„Esst und trinkt, aber schweift nicht aus. Siehe, Er liebt die Ausschweifenden nicht.“ [17:31]
Indem Allah den Menschen als das ehrenhafteste Geschöpf erschuf gab er ihm Vorrang vor den anderen Geschöpfen. Der Mensch unterscheidet sich auch insofern von anderen Lebewesen, als dass er den Geboten und Verboten Allahs würdig ist. Sich diesen Geboten und Verboten zu beugen, ist die Pflicht des Menschen. In allem maßvoll zu sein, gehört zu den wichtigsten Werten, die den Menschen vermittelt werden. Dort wo das Maß überschritten wird, beginnt die Verschwendung. Insbesondere in Bezug auf das Essen wurde die Verschwendung mit diesem Vers verboten: „Esst und trinkt, aber schweift nicht aus. Siehe, Er liebt die Ausschweifenden nicht.“ [17:31]
In der Sure Anbijâ schreibt Allah, was die Menschen, die das Maß übertreten erwartet: „…ließen die Übertreter zugrunde gehen.“[21:9] Ferner vergleicht Allah Menschen, die verschwenderisch sind, in der Sure Isrâ mit dem Teufel und bezeichnet ihr Verhalten als Ausschweifung: „…verschleudere nicht wie ein Verschwender. Siehe, die Verschwender sind des Teufels Brüder, und Satan war seinem Herrn undankbar.“ [17:26][17:27]
Aufrichtige Menschen hingegen beschreibt Allah folgendermaßen: „Diejenigen, welche beim Spenden weder verschwenderisch noch geizig sind…“[25:67]
Der Monat Ramadan ist ein Monat voller Tugenden und schenkt dem Fastenden unzählbar viele Gaben. Sahl ibni Sâd überlieferte folgenden Hadîth: „Es gibt im Paradies ein Tor, das Ar-Rajjân genannt wird. Durch dieses Tor werden am Tag der Auferstehung nur die Fastenden gehen, und kein anderer. Wenn diese durch das Tor gegangen sind, wird es geschlossen, so dass keiner mehr eintreten kann.”[1]
Abû Hurajra (ra) berichtet: „Der Gesandte Allahs (saw) sagte: „Wer einem Fastenden zum Fastenbrechen einlädt, wird belohnt wie der Fastende, ohne eine Verminderung.”[2]

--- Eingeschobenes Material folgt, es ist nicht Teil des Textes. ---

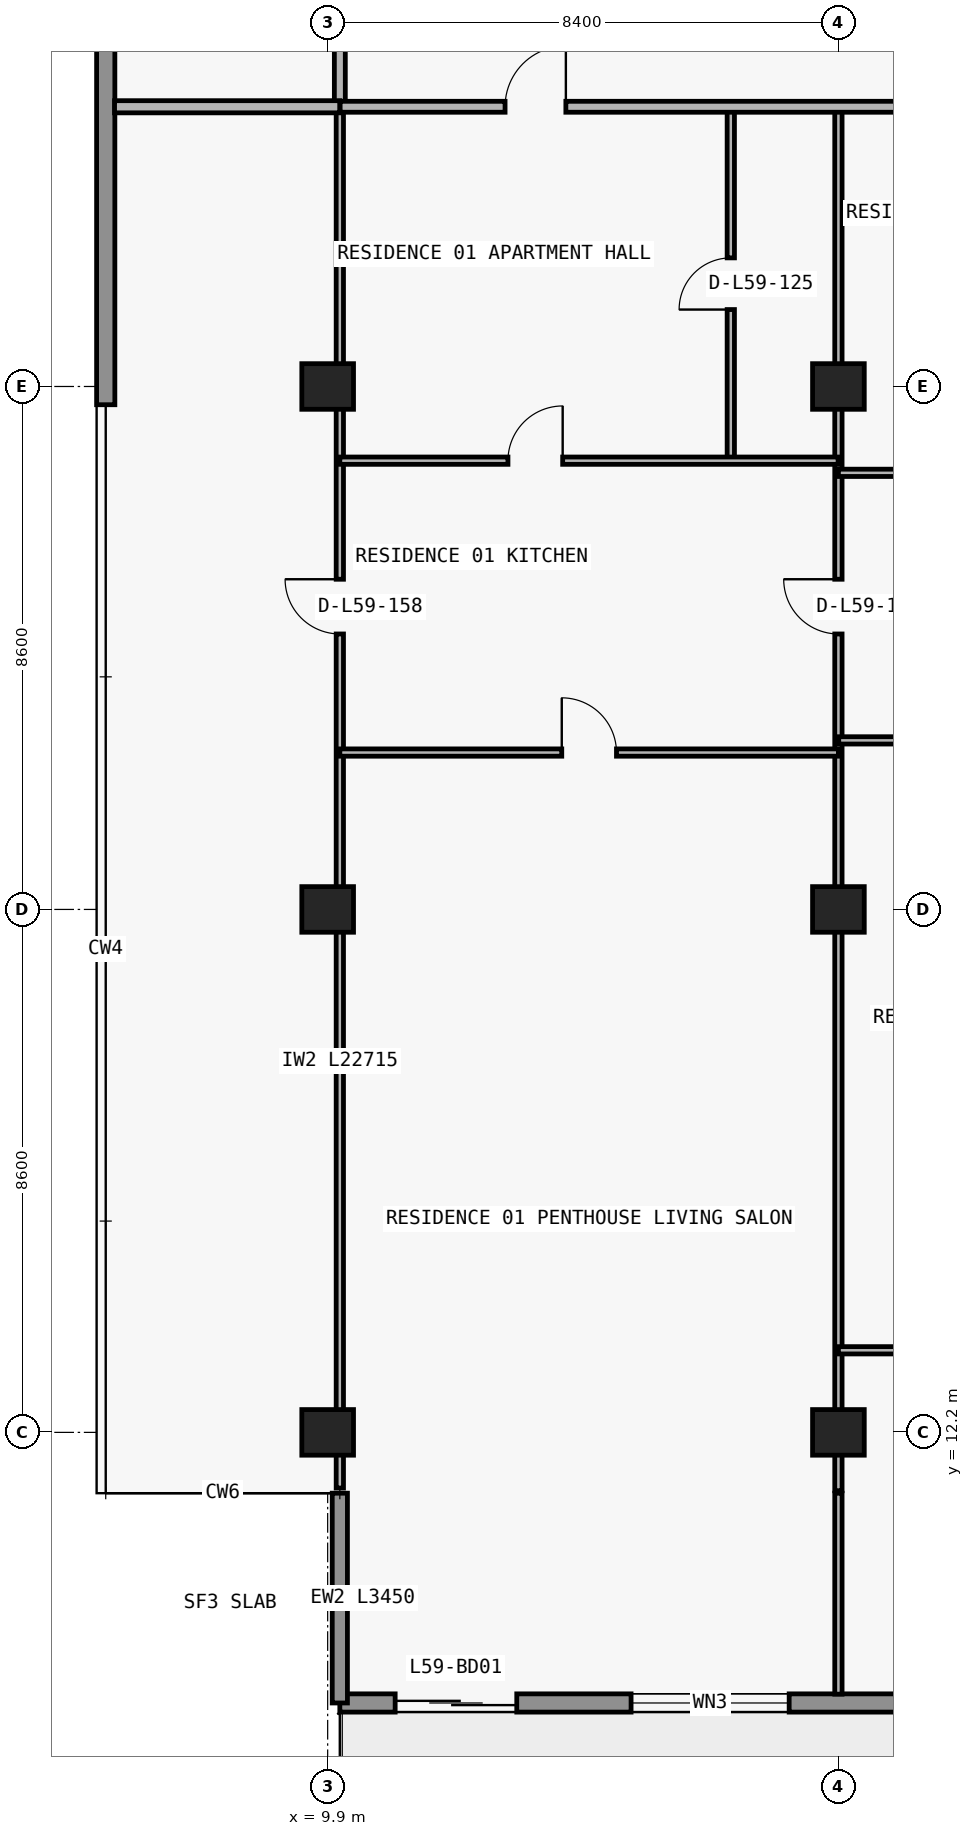
"""IFC4 building model, lengths in metres.
Left out: names, types, materials, properties, quantities, classifications, styles, units other than length and angle.
Written with IfcOpenShell. Run it as: python <this file> out.ifc"""

import sys

from ifc_helpers import new_model, si_unit, direction, frame, frame_2d, origin, origin_2d, place, context, subcontext, project, spatial, rectangle, extrude, element, fill, save


model = new_model("IFC4")
c1 = context("Model", 3, precision=1e-05, world=origin(), true_north=direction((0.0, 1.0)))
c2 = subcontext(c1, "Body", "Model", "MODEL_VIEW")
j1 = project(units=[si_unit("LENGTHUNIT", "METRE"), si_unit("PLANEANGLEUNIT", "RADIAN")], contexts=[c1])
p1 = place(None, origin())
s1 = spatial("IfcSite", under=j1, at=p1, CompositionType="ELEMENT")
p2 = place(p1, origin())
s2 = spatial("IfcBuilding", under=s1, at=p2, CompositionType="ELEMENT")
p3 = place(p2, frame((0.0, 0.0, 211.5)))
s3 = spatial("IfcBuildingStorey", under=s2, at=p3, CompositionType="ELEMENT", Elevation=211.5)
for number, where, z_axis, x_axis in (
    (1, (9.9, 12.2, 0.0), (0.0, 0.0, 1.0), (1.0, 0.0, 0.0)),
    (2, (18.3, 12.2, 0.0), (0.0, 0.0, 1.0), (1.0, 0.0, 0.0)),
    (3, (9.9, 20.8, 0.0), (0.0, 0.0, 1.0), (1.0, 0.0, 0.0)),
    (4, (18.3, 20.8, 0.0), (0.0, 0.0, 1.0), (1.0, 0.0, 0.0)),
    (5, (9.9, 29.4, 0.0), (0.0, 0.0, 1.0), (1.0, 0.0, 0.0)),
    (6, (18.3, 29.4, 0.0), (0.0, 0.0, 1.0), (1.0, 0.0, 0.0)),
):
    element("IfcColumn", number, at=place(p3, frame(where, z_axis=z_axis, x_axis=x_axis)), inside=s3, PredefinedType="COLUMN", context=c2, shape_type="SweptSolid", body=[
        extrude(rectangle(XDim=0.85, YDim=0.75, at=origin_2d()), origin(), (0.0, 0.0, 1.0), 3.05),
    ])
p4 = place(p3, frame((67.7, 7.75, 0.0), z_axis=(0.0, 0.0, 1.0), x_axis=(-1.0, 0.0, 0.0)))
e7 = element("IfcWall", 7, at=p4, inside=s3, PredefinedType="STANDARD", context=c2, shape_type="SweptSolid", body=[
    extrude(rectangle(XDim=57.6, YDim=0.3, at=frame_2d((28.8, 0.0))), origin(), (0.0, 0.0, 1.0), 3.05),
])
p5 = place(p4, frame((54.69, 0.0, 0.0)))
e8 = element("IfcOpeningElement", 8, at=p5, cuts=e7, PredefinedType="OPENING", context=c2, shape_type="SweptSolid", body=[
    extrude(rectangle(XDim=2.0, YDim=2.3, at=frame_2d((1.0, 1.15))), frame((0.0, 0.16, 0.0), z_axis=(0.0, -1.0, 0.0), x_axis=(1.0, 0.0, 0.0)), (0.0, 0.0, 1.0), 0.32),
])
p6 = place(p4, frame((50.21, 0.0, 0.65)))
e9 = element("IfcOpeningElement", 9, at=p6, cuts=e7, PredefinedType="OPENING", context=c2, shape_type="SweptSolid", body=[
    extrude(rectangle(XDim=2.6, YDim=1.85, at=frame_2d((1.3, 0.925))), frame((0.0, 0.16, 0.0), z_axis=(0.0, -1.0, 0.0), x_axis=(1.0, 0.0, 0.0)), (0.0, 0.0, 1.0), 0.32),
])
p7 = place(p4, frame((44.1, 0.0, 0.85)))
e10 = element("IfcOpeningElement", 10, at=p7, cuts=e7, PredefinedType="OPENING", context=c2, shape_type="SweptSolid", body=[
    extrude(rectangle(XDim=2.2, YDim=1.55, at=frame_2d((1.1, 0.775))), frame((0.0, 0.16, 0.0), z_axis=(0.0, -1.0, 0.0), x_axis=(1.0, 0.0, 0.0)), (0.0, 0.0, 1.0), 0.32),
])
p8 = place(p4, frame((38.09, 0.0, 0.0)))
e11 = element("IfcOpeningElement", 11, at=p8, cuts=e7, PredefinedType="OPENING", context=c2, shape_type="SweptSolid", body=[
    extrude(rectangle(XDim=2.0, YDim=2.3, at=frame_2d((1.0, 1.15))), frame((0.0, 0.16, 0.0), z_axis=(0.0, -1.0, 0.0), x_axis=(1.0, 0.0, 0.0)), (0.0, 0.0, 1.0), 0.32),
])
p9 = place(p4, frame((33.41, 0.0, 0.65)))
e12 = element("IfcOpeningElement", 12, at=p9, cuts=e7, PredefinedType="OPENING", context=c2, shape_type="SweptSolid", body=[
    extrude(rectangle(XDim=2.6, YDim=1.85, at=frame_2d((1.3, 0.925))), frame((0.0, 0.16, 0.0), z_axis=(0.0, -1.0, 0.0), x_axis=(1.0, 0.0, 0.0)), (0.0, 0.0, 1.0), 0.32),
])
p10 = place(p4, frame((27.7, 0.0, 0.85)))
e13 = element("IfcOpeningElement", 13, at=p10, cuts=e7, PredefinedType="OPENING", context=c2, shape_type="SweptSolid", body=[
    extrude(rectangle(XDim=2.2, YDim=1.55, at=frame_2d((1.1, 0.775))), frame((0.0, 0.16, 0.0), z_axis=(0.0, -1.0, 0.0), x_axis=(1.0, 0.0, 0.0)), (0.0, 0.0, 1.0), 0.32),
])
p11 = place(p4, frame((19.7, 0.0, 0.85)))
e14 = element("IfcOpeningElement", 14, at=p11, cuts=e7, PredefinedType="OPENING", context=c2, shape_type="SweptSolid", body=[
    extrude(rectangle(XDim=2.2, YDim=1.55, at=frame_2d((1.1, 0.775))), frame((0.0, 0.16, 0.0), z_axis=(0.0, -1.0, 0.0), x_axis=(1.0, 0.0, 0.0)), (0.0, 0.0, 1.0), 0.32),
])
p12 = place(p4, frame((13.69, 0.0, 0.0)))
e15 = element("IfcOpeningElement", 15, at=p12, cuts=e7, PredefinedType="OPENING", context=c2, shape_type="SweptSolid", body=[
    extrude(rectangle(XDim=2.0, YDim=2.3, at=frame_2d((1.0, 1.15))), frame((0.0, 0.16, 0.0), z_axis=(0.0, -1.0, 0.0), x_axis=(1.0, 0.0, 0.0)), (0.0, 0.0, 1.0), 0.32),
])
p13 = place(p4, frame((9.01, 0.0, 0.65)))
e16 = element("IfcOpeningElement", 16, at=p13, cuts=e7, PredefinedType="OPENING", context=c2, shape_type="SweptSolid", body=[
    extrude(rectangle(XDim=2.6, YDim=1.85, at=frame_2d((1.3, 0.925))), frame((0.0, 0.16, 0.0), z_axis=(0.0, -1.0, 0.0), x_axis=(1.0, 0.0, 0.0)), (0.0, 0.0, 1.0), 0.32),
])
p14 = place(p4, frame((3.0, 0.0, 0.85)))
e17 = element("IfcOpeningElement", 17, at=p14, cuts=e7, PredefinedType="OPENING", context=c2, shape_type="SweptSolid", body=[
    extrude(rectangle(XDim=2.2, YDim=1.55, at=frame_2d((1.1, 0.775))), frame((0.0, 0.16, 0.0), z_axis=(0.0, -1.0, 0.0), x_axis=(1.0, 0.0, 0.0)), (0.0, 0.0, 1.0), 0.32),
])
p15 = place(p3, frame((10.1, 11.2, 0.0), z_axis=(0.0, 0.0, 1.0), x_axis=(0.0, -1.0, 0.0)))
e18 = element("IfcWall", 18, at=p15, inside=s3, PredefinedType="ELEMENTEDWALL", context=c2, shape_type="SweptSolid", body=[
    extrude(rectangle(XDim=3.45, YDim=0.25, at=frame_2d((1.725, 0.0))), origin(), (0.0, 0.0, 1.0), 3.05),
])
p16 = place(p3, frame((6.25, 29.1, 0.0), z_axis=(0.0, 0.0, 1.0), x_axis=(0.0, 1.0, 0.0)))
e19 = element("IfcWall", 19, at=p16, inside=s3, PredefinedType="STANDARD", context=c2, shape_type="SweptSolid", body=[
    extrude(rectangle(XDim=17.9, YDim=0.3, at=frame_2d((8.95, 0.0))), origin(), (0.0, 0.0, 1.0), 3.05),
])
p17 = place(p3, frame((10.1, 11.285, 0.0), z_axis=(0.0, 0.0, 1.0), x_axis=(0.0, 1.0, 0.0)))
e20 = element("IfcWall", 20, at=p17, inside=s3, PredefinedType="PARTITIONING", context=c2, shape_type="SweptSolid", body=[
    extrude(rectangle(XDim=22.715, YDim=0.12, at=frame_2d((11.357, 0.0))), origin(), (0.0, 0.0, 1.0), 2.263),
])
p18 = place(p17, frame((14.045, 0.0, 0.0)))
e21 = element("IfcOpeningElement", 21, at=p18, cuts=e20, PredefinedType="OPENING", context=c2, shape_type="SweptSolid", body=[
    extrude(rectangle(XDim=0.9, YDim=2.15, at=frame_2d((0.45, 1.075))), frame((0.0, 0.07, 0.0), z_axis=(0.0, -1.0, 0.0), x_axis=(1.0, 0.0, 0.0)), (0.0, 0.0, 1.0), 0.14),
])
p19 = place(p3, frame((10.1, 34.005, 0.0), z_axis=(0.0, 0.0, 1.0), x_axis=(0.0, 1.0, 0.0)))
e22 = element("IfcWall", 22, at=p19, inside=s3, PredefinedType="PARTITIONING", context=c2, shape_type="SweptSolid", body=[
    extrude(rectangle(XDim=2.995, YDim=0.18, at=frame_2d((1.498, 0.0))), origin(), (0.0, 0.0, 1.0), 2.263),
])
p20 = place(p3, frame((16.53, 28.18, 0.0), z_axis=(0.0, 0.0, 1.0), x_axis=(0.0, 1.0, 0.0)))
e23 = element("IfcWall", 23, at=p20, inside=s3, PredefinedType="PARTITIONING", context=c2, shape_type="SweptSolid", body=[
    extrude(rectangle(XDim=5.82, YDim=0.12, at=frame_2d((2.91, 0.0))), origin(), (0.0, 0.0, 1.0), 3.05),
])
p21 = place(p20, frame((2.485, 0.0, 0.0)))
e24 = element("IfcOpeningElement", 24, at=p21, cuts=e23, PredefinedType="OPENING", context=c2, shape_type="SweptSolid", body=[
    extrude(rectangle(XDim=0.85, YDim=2.1, at=frame_2d((0.425, 1.05))), frame((0.0, 0.07, 0.0), z_axis=(0.0, -1.0, 0.0), x_axis=(1.0, 0.0, 0.0)), (0.0, 0.0, 1.0), 0.14),
])
p22 = place(p3, frame((18.3, 7.895, 0.0), z_axis=(0.0, 0.0, 1.0), x_axis=(0.0, 1.0, 0.0)))
e25 = element("IfcWall", 25, at=p22, inside=s3, PredefinedType="PARTITIONING", context=c2, shape_type="SweptSolid", body=[
    extrude(rectangle(XDim=3.305, YDim=0.12, at=frame_2d((1.652, 0.0))), origin(), (0.0, 0.0, 1.0), 3.05),
])
p23 = place(p3, frame((18.3, 11.24, 0.0), z_axis=(0.0, 0.0, 1.0), x_axis=(0.0, 1.0, 0.0)))
e26 = element("IfcWall", 26, at=p23, inside=s3, PredefinedType="PARTITIONING", context=c2, shape_type="SweptSolid", body=[
    extrude(rectangle(XDim=22.76, YDim=0.12, at=frame_2d((11.38, 0.0))), origin(), (0.0, 0.0, 1.0), 2.263),
])
p24 = place(p23, frame((14.09, 0.0, 0.0)))
e27 = element("IfcOpeningElement", 27, at=p24, cuts=e26, PredefinedType="OPENING", context=c2, shape_type="SweptSolid", body=[
    extrude(rectangle(XDim=0.9, YDim=2.15, at=frame_2d((0.45, 1.075))), frame((0.0, 0.07, 0.0), z_axis=(0.0, -1.0, 0.0), x_axis=(1.0, 0.0, 0.0)), (0.0, 0.0, 1.0), 0.14),
])
p25 = place(p3, frame((18.3, 13.55, 0.0), z_axis=(0.0, 0.0, 1.0), x_axis=(1.0, 0.0, 0.0)))
e28 = element("IfcWall", 28, at=p25, inside=s3, PredefinedType="PARTITIONING", context=c2, shape_type="SweptSolid", body=[
    extrude(rectangle(XDim=8.35, YDim=0.12, at=frame_2d((4.175, 0.0))), origin(), (0.0, 0.0, 1.0), 3.05),
])
p26 = place(p25, frame((3.725, 0.0, 0.0)))
e29 = element("IfcOpeningElement", 29, at=p26, cuts=e28, PredefinedType="OPENING", context=c2, shape_type="SweptSolid", body=[
    extrude(rectangle(XDim=0.9, YDim=2.15, at=frame_2d((0.45, 1.075))), frame((0.0, 0.07, 0.0), z_axis=(0.0, -1.0, 0.0), x_axis=(1.0, 0.0, 0.0)), (0.0, 0.0, 1.0), 0.14),
])
p27 = place(p3, frame((10.1, 23.38, 0.0), z_axis=(0.0, 0.0, 1.0), x_axis=(1.0, 0.0, 0.0)))
e30 = element("IfcWall", 30, at=p27, inside=s3, PredefinedType="PARTITIONING", context=c2, shape_type="SweptSolid", body=[
    extrude(rectangle(XDim=8.2, YDim=0.12, at=frame_2d((4.1, 0.0))), origin(), (0.0, 0.0, 1.0), 3.05),
])
p28 = place(p27, frame((3.65, 0.0, 0.0)))
e31 = element("IfcOpeningElement", 31, at=p28, cuts=e30, PredefinedType="OPENING", context=c2, shape_type="SweptSolid", body=[
    extrude(rectangle(XDim=0.9, YDim=2.15, at=frame_2d((0.45, 1.075))), frame((0.0, 0.07, 0.0), z_axis=(0.0, -1.0, 0.0), x_axis=(1.0, 0.0, 0.0)), (0.0, 0.0, 1.0), 0.14),
])
p29 = place(p3, frame((18.305, 23.58, 0.0), z_axis=(0.0, 0.0, 1.0), x_axis=(1.0, 0.0, 0.0)))
e32 = element("IfcWall", 32, at=p29, inside=s3, PredefinedType="PARTITIONING", context=c2, shape_type="SweptSolid", body=[
    extrude(rectangle(XDim=8.175, YDim=0.12, at=frame_2d((4.087, 0.0))), origin(), (0.0, 0.0, 1.0), 3.05),
])
p30 = place(p29, frame((3.637, 0.0, 0.0)))
e33 = element("IfcOpeningElement", 33, at=p30, cuts=e32, PredefinedType="OPENING", context=c2, shape_type="SweptSolid", body=[
    extrude(rectangle(XDim=0.9, YDim=2.15, at=frame_2d((0.45, 1.075))), frame((0.0, 0.07, 0.0), z_axis=(0.0, -1.0, 0.0), x_axis=(1.0, 0.0, 0.0)), (0.0, 0.0, 1.0), 0.14),
])
p31 = place(p3, frame((18.3, 27.98, 0.0), z_axis=(0.0, 0.0, 1.0), x_axis=(1.0, 0.0, 0.0)))
e34 = element("IfcWall", 34, at=p31, inside=s3, PredefinedType="PARTITIONING", context=c2, shape_type="SweptSolid", body=[
    extrude(rectangle(XDim=8.18, YDim=0.12, at=frame_2d((4.09, 0.0))), origin(), (0.0, 0.0, 1.0), 3.05),
])
p32 = place(p31, frame((2.952, 0.0, 0.0)))
e35 = element("IfcOpeningElement", 35, at=p32, cuts=e34, PredefinedType="OPENING", context=c2, shape_type="SweptSolid", body=[
    extrude(rectangle(XDim=0.9, YDim=2.15, at=frame_2d((0.45, 1.075))), frame((0.0, 0.07, 0.0), z_axis=(0.0, -1.0, 0.0), x_axis=(1.0, 0.0, 0.0)), (0.0, 0.0, 1.0), 0.14),
])
p33 = place(p3, frame((10.1, 28.18, 0.0), z_axis=(0.0, 0.0, 1.0), x_axis=(1.0, 0.0, 0.0)))
e36 = element("IfcWall", 36, at=p33, inside=s3, PredefinedType="PARTITIONING", context=c2, shape_type="SweptSolid", body=[
    extrude(rectangle(XDim=8.195, YDim=0.12, at=frame_2d((4.097, 0.0))), origin(), (0.0, 0.0, 1.0), 3.05),
])
p34 = place(p33, frame((2.765, 0.0, 0.0)))
e37 = element("IfcOpeningElement", 37, at=p34, cuts=e36, PredefinedType="OPENING", context=c2, shape_type="SweptSolid", body=[
    extrude(rectangle(XDim=0.9, YDim=2.15, at=frame_2d((0.45, 1.075))), frame((0.0, 0.07, 0.0), z_axis=(0.0, -1.0, 0.0), x_axis=(1.0, 0.0, 0.0)), (0.0, 0.0, 1.0), 0.14),
])
p35 = place(p3, frame((6.395, 34.0, 0.0), z_axis=(0.0, 0.0, 1.0), x_axis=(1.0, 0.0, 0.0)))
e38 = element("IfcWall", 38, at=p35, inside=s3, PredefinedType="PARTITIONING", context=c2, shape_type="SweptSolid", body=[
    extrude(rectangle(XDim=3.705, YDim=0.2, at=frame_2d((1.853, 0.0))), origin(), (0.0, 0.0, 1.0), 3.05),
])
p36 = place(p3, frame((10.105, 34.0, 0.0), z_axis=(0.0, 0.0, 1.0), x_axis=(1.0, 0.0, 0.0)))
e39 = element("IfcWall", 39, at=p36, inside=s3, PredefinedType="PARTITIONING", context=c2, shape_type="SweptSolid", body=[
    extrude(rectangle(XDim=16.545, YDim=0.18, at=frame_2d((8.272, 0.0))), origin(), (0.0, 0.0, 1.0), 3.05),
])
p37 = place(p36, frame((2.712, 0.0, 0.0)))
e40 = element("IfcOpeningElement", 40, at=p37, cuts=e39, PredefinedType="OPENING", context=c2, shape_type="SweptSolid", body=[
    extrude(rectangle(XDim=1.0, YDim=2.2, at=frame_2d((0.5, 1.1))), frame((0.0, 0.1, 0.0), z_axis=(0.0, -1.0, 0.0), x_axis=(1.0, 0.0, 0.0)), (0.0, 0.0, 1.0), 0.2),
])
p38 = place(p5, origin())
e41 = element("IfcDoor", 41, at=p38, inside=s3, OperationType="DOUBLE_DOOR_SLIDING", PredefinedType="DOOR", context=c2, shape_type="SweptSolid", body=[
    extrude(rectangle(XDim=2.0, YDim=2.3, at=frame_2d((1.0, 1.15))), frame((0.0, 0.025, 0.0), z_axis=(0.0, -1.0, 0.0), x_axis=(1.0, 0.0, 0.0)), (0.0, 0.0, 1.0), 0.05),
])
fill(e8, e41)
p39 = place(p6, origin())
e42 = element("IfcWindow", 42, at=p39, inside=s3, PartitioningType="SINGLE_PANEL", PredefinedType="WINDOW", context=c2, shape_type="SweptSolid", body=[
    extrude(rectangle(XDim=2.6, YDim=1.85, at=frame_2d((1.3, 0.925))), frame((0.0, 0.03, 0.0), z_axis=(0.0, -1.0, 0.0), x_axis=(1.0, 0.0, 0.0)), (0.0, 0.0, 1.0), 0.06),
])
fill(e9, e42)
p40 = place(p37, origin())
e43 = element("IfcDoor", 43, at=p40, inside=s3, OperationType="SINGLE_SWING_RIGHT", PredefinedType="DOOR", context=c2, shape_type="SweptSolid", body=[
    extrude(rectangle(XDim=1.0, YDim=2.2, at=frame_2d((0.5, 1.1))), frame((0.0, 0.025, 0.0), z_axis=(0.0, -1.0, 0.0), x_axis=(1.0, 0.0, 0.0)), (0.0, 0.0, 1.0), 0.05),
])
fill(e40, e43)
p41 = place(p21, origin())
e44 = element("IfcDoor", 44, at=p41, inside=s3, OperationType="SINGLE_SWING_LEFT", PredefinedType="DOOR", context=c2, shape_type="SweptSolid", body=[
    extrude(rectangle(XDim=0.85, YDim=2.1, at=frame_2d((0.425, 1.05))), frame((0.0, 0.025, 0.0), z_axis=(0.0, -1.0, 0.0), x_axis=(1.0, 0.0, 0.0)), (0.0, 0.0, 1.0), 0.05),
])
fill(e24, e44)
p42 = place(p34, origin())
e45 = element("IfcDoor", 45, at=p42, inside=s3, OperationType="SINGLE_SWING_RIGHT", PredefinedType="DOOR", context=c2, shape_type="SweptSolid", body=[
    extrude(rectangle(XDim=0.9, YDim=2.15, at=frame_2d((0.45, 1.075))), frame((0.0, 0.025, 0.0), z_axis=(0.0, -1.0, 0.0), x_axis=(1.0, 0.0, 0.0)), (0.0, 0.0, 1.0), 0.05),
])
fill(e37, e45)
p43 = place(p28, origin())
e46 = element("IfcDoor", 46, at=p43, inside=s3, OperationType="SINGLE_SWING_LEFT", PredefinedType="DOOR", context=c2, shape_type="SweptSolid", body=[
    extrude(rectangle(XDim=0.9, YDim=2.15, at=frame_2d((0.45, 1.075))), frame((0.0, 0.025, 0.0), z_axis=(0.0, -1.0, 0.0), x_axis=(1.0, 0.0, 0.0)), (0.0, 0.0, 1.0), 0.05),
])
fill(e31, e46)
p44 = place(p24, origin())
e47 = element("IfcDoor", 47, at=p44, inside=s3, OperationType="SINGLE_SWING_RIGHT", PredefinedType="DOOR", context=c2, shape_type="SweptSolid", body=[
    extrude(rectangle(XDim=0.9, YDim=2.15, at=frame_2d((0.45, 1.075))), frame((0.0, 0.025, 0.0), z_axis=(0.0, -1.0, 0.0), x_axis=(1.0, 0.0, 0.0)), (0.0, 0.0, 1.0), 0.05),
])
fill(e27, e47)
p45 = place(p18, origin())
e48 = element("IfcDoor", 48, at=p45, inside=s3, OperationType="SINGLE_SWING_RIGHT", PredefinedType="DOOR", context=c2, shape_type="SweptSolid", body=[
    extrude(rectangle(XDim=0.9, YDim=2.15, at=frame_2d((0.45, 1.075))), frame((0.0, 0.025, 0.0), z_axis=(0.0, -1.0, 0.0), x_axis=(1.0, 0.0, 0.0)), (0.0, 0.0, 1.0), 0.05),
])
fill(e21, e48)
save(model, sys.argv[1])

Said Nursi sah das Fasten und das Abstand nehmen von verschwenderischem Verhalten als Dankbarkeit für die vom Ego bevorzugten Zustände an. Seiner Ansicht nach sind Wirtschaftlichkeit und Maßhaltung eine Art geistige Dankbarkeit. Verschwendung und Maßlosigkeit bewertet Said Nursi als Gegenpole zu Dankbarkeit. „Als Gegenleistung für die Gaben, die er den Menschen beschert erwartet Allah Dankbarkeit. Verschwendung ist das Gegenteil von Dankbarkeit, eine Deklassierung der Gaben. Wohingegen Wirtschaftlichkeit eine Form der Ehrerweisung gegenüber den Gaben darstellt.“[3]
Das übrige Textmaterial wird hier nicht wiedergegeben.